Amidst the surge of large models entering commercial applications, the actual performance of these models urgently needs to be rigorously tested in specific application scenarios to demonstrate their true value and potential. The superficial "show-style" evaluation methods of the past are no longer meaningful. To foster the healthy development of the entire large model industry, the industry as a whole must strive for a more objective, fair, and authoritative evaluation system.

In this context, an evaluation platform like Chatbot Arena, which can provide real user feedback, employ blind testing mechanisms to prevent result manipulation, and continuously update its scoring system, is particularly crucial. It not only offers impartial evaluations for models but also ensures the authenticity and authority of evaluation results through extensive user participation.
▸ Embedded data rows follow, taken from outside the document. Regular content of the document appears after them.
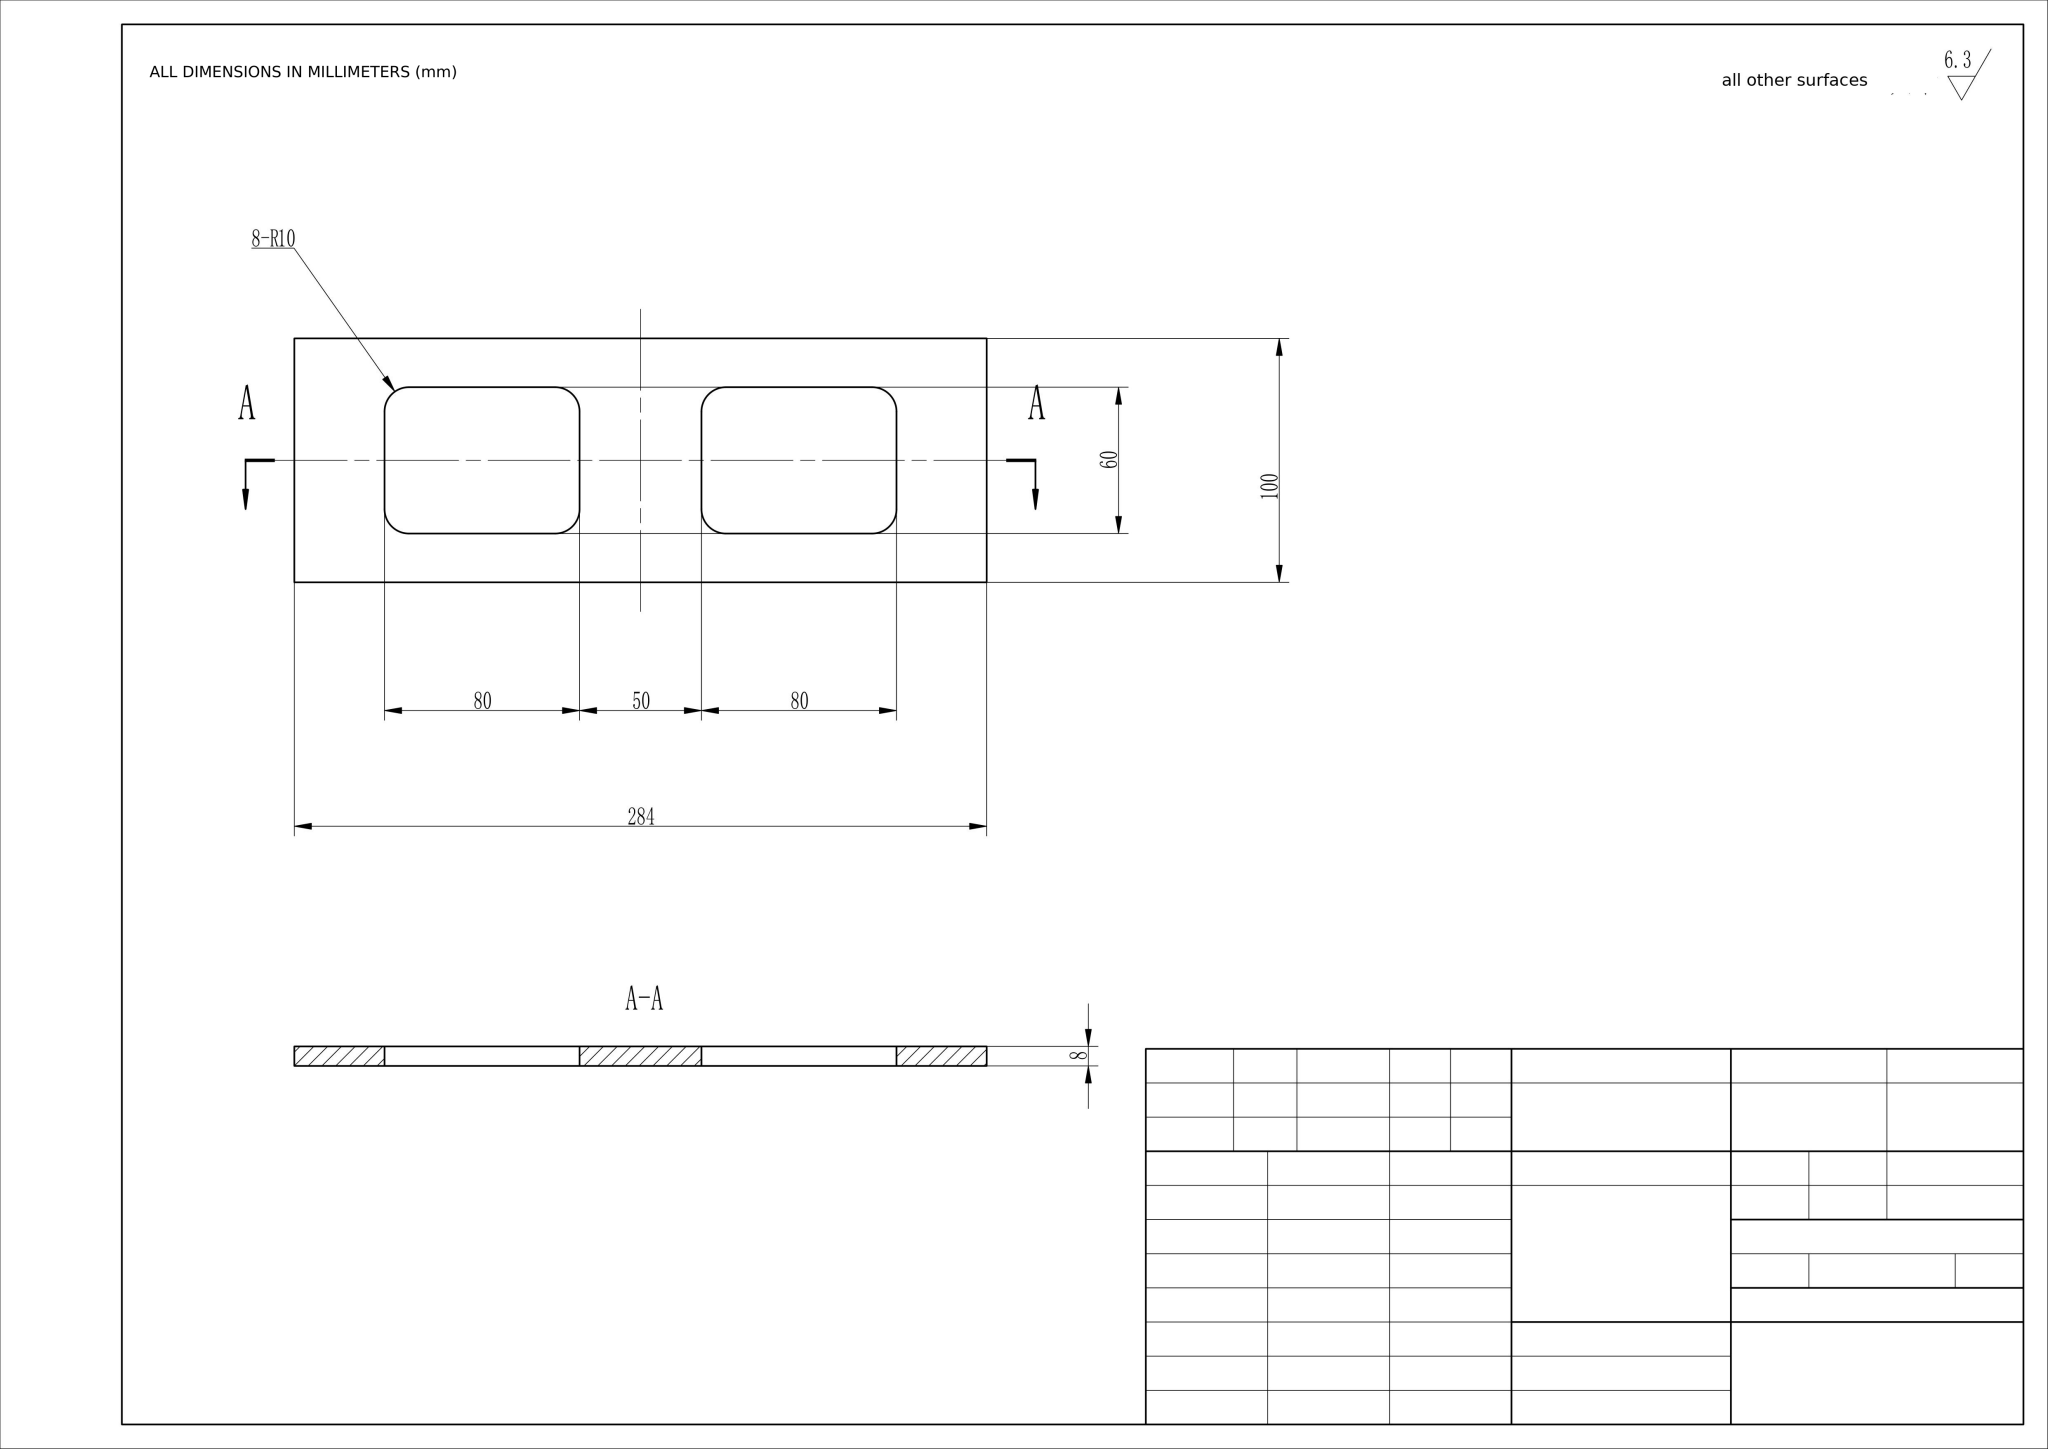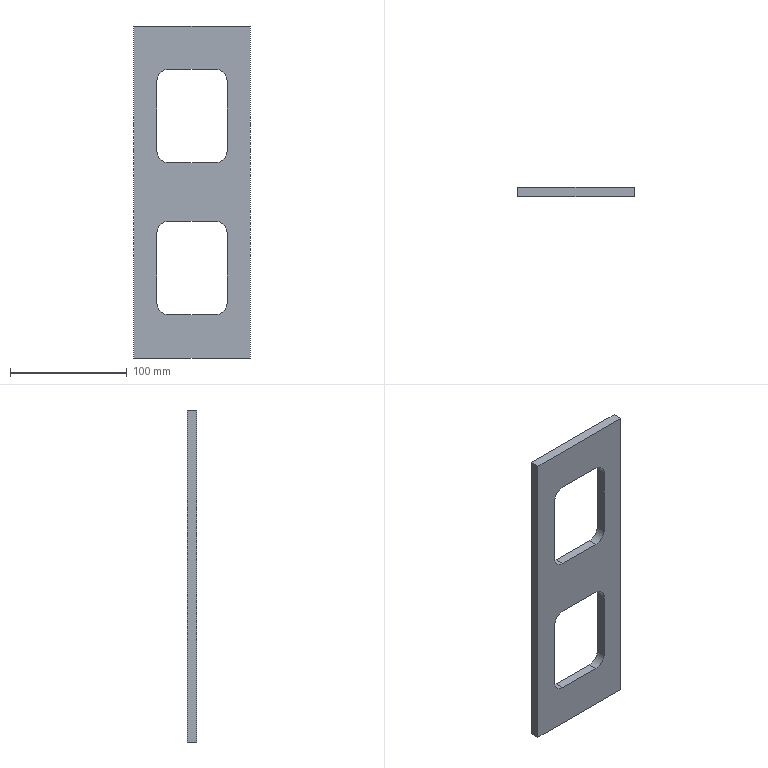Part | NX | mm | 1 solid | 22 faces | box 100 x 8 x 284 mm | volume 151773 mm3 | plane 14 | cylinder 8 | commonest cylinder face diameters 20 x8
STEP:
#1=CARTESIAN_POINT('',(0.,0.,0.));
#2=DIRECTION('',(0.,0.,1.));
#3=DIRECTION('',(1.,0.,0.));
#4=AXIS2_PLACEMENT_3D('',#1,#2,#3);
#5=(LENGTH_UNIT()NAMED_UNIT(*)SI_UNIT(.MILLI.,.METRE.));
#6=UNCERTAINTY_MEASURE_WITH_UNIT(LENGTH_MEASURE(0.00002),#5,'','');
#7=(NAMED_UNIT(*)PLANE_ANGLE_UNIT()SI_UNIT($,.RADIAN.));
#8=PLANE_ANGLE_MEASURE_WITH_UNIT(PLANE_ANGLE_MEASURE(0.01745),#7);
#9=DIMENSIONAL_EXPONENTS(0.,0.,0.,0.,0.,0.,0.);
#10=(CONVERSION_BASED_UNIT('',#8)NAMED_UNIT(#9)PLANE_ANGLE_UNIT());
#11=(NAMED_UNIT(*)SI_UNIT($,.STERADIAN.)SOLID_ANGLE_UNIT());
#12=(GEOMETRIC_REPRESENTATION_CONTEXT(3)GLOBAL_UNCERTAINTY_ASSIGNED_CONTEXT((#6))GLOBAL_UNIT_ASSIGNED_CONTEXT((#5,#10,#11))REPRESENTATION_CONTEXT('',''));
#13=SHAPE_REPRESENTATION('',(#4),#12);
#14=CARTESIAN_POINT('',(-0.,-8.,284.));
#15=VERTEX_POINT('',#14);
#16=CARTESIAN_POINT('',(0.,-8.,0.));
#17=VERTEX_POINT('',#16);
#18=CARTESIAN_POINT('',(-0.,-8.,284.));
#19=DIRECTION('',(0.,0.,-1.));
#20=VECTOR('',#19,1.);
#21=LINE('',#18,#20);
#22=EDGE_CURVE('',#15,#17,#21,.T.);
#23=ORIENTED_EDGE('',*,*,#22,.T.);
#24=CARTESIAN_POINT('',(100.,-8.,0.));
#25=VERTEX_POINT('',#24);
#26=CARTESIAN_POINT('',(0.,-8.,0.));
#27=DIRECTION('',(1.,0.,0.));
#28=VECTOR('',#27,1.);
#29=LINE('',#26,#28);
#30=EDGE_CURVE('',#17,#25,#29,.T.);
#31=ORIENTED_EDGE('',*,*,#30,.T.);
#32=CARTESIAN_POINT('',(100.,-8.,284.));
#33=VERTEX_POINT('',#32);
#34=CARTESIAN_POINT('',(100.,-8.,0.));
#35=DIRECTION('',(-0.,0.,1.));
#36=VECTOR('',#35,1.);
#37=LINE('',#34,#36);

Whether driven by considerations of their own model iteration capabilities or from a long-term reputation perspective, large model manufacturers should actively engage in authoritative evaluation platforms like Chatbot Arena to prove their product competitiveness through actual user feedback and professional evaluation mechanisms.

This not only helps enhance the brand image and market position of manufacturers but also promotes the healthy development of the entire industry, fostering technological innovation and product optimization. Conversely, manufacturers who opt for show-style evaluation methods and overlook real-world application effects will widen the gap between model capabilities and market demands, making it increasingly challenging to compete in the fierce market landscape.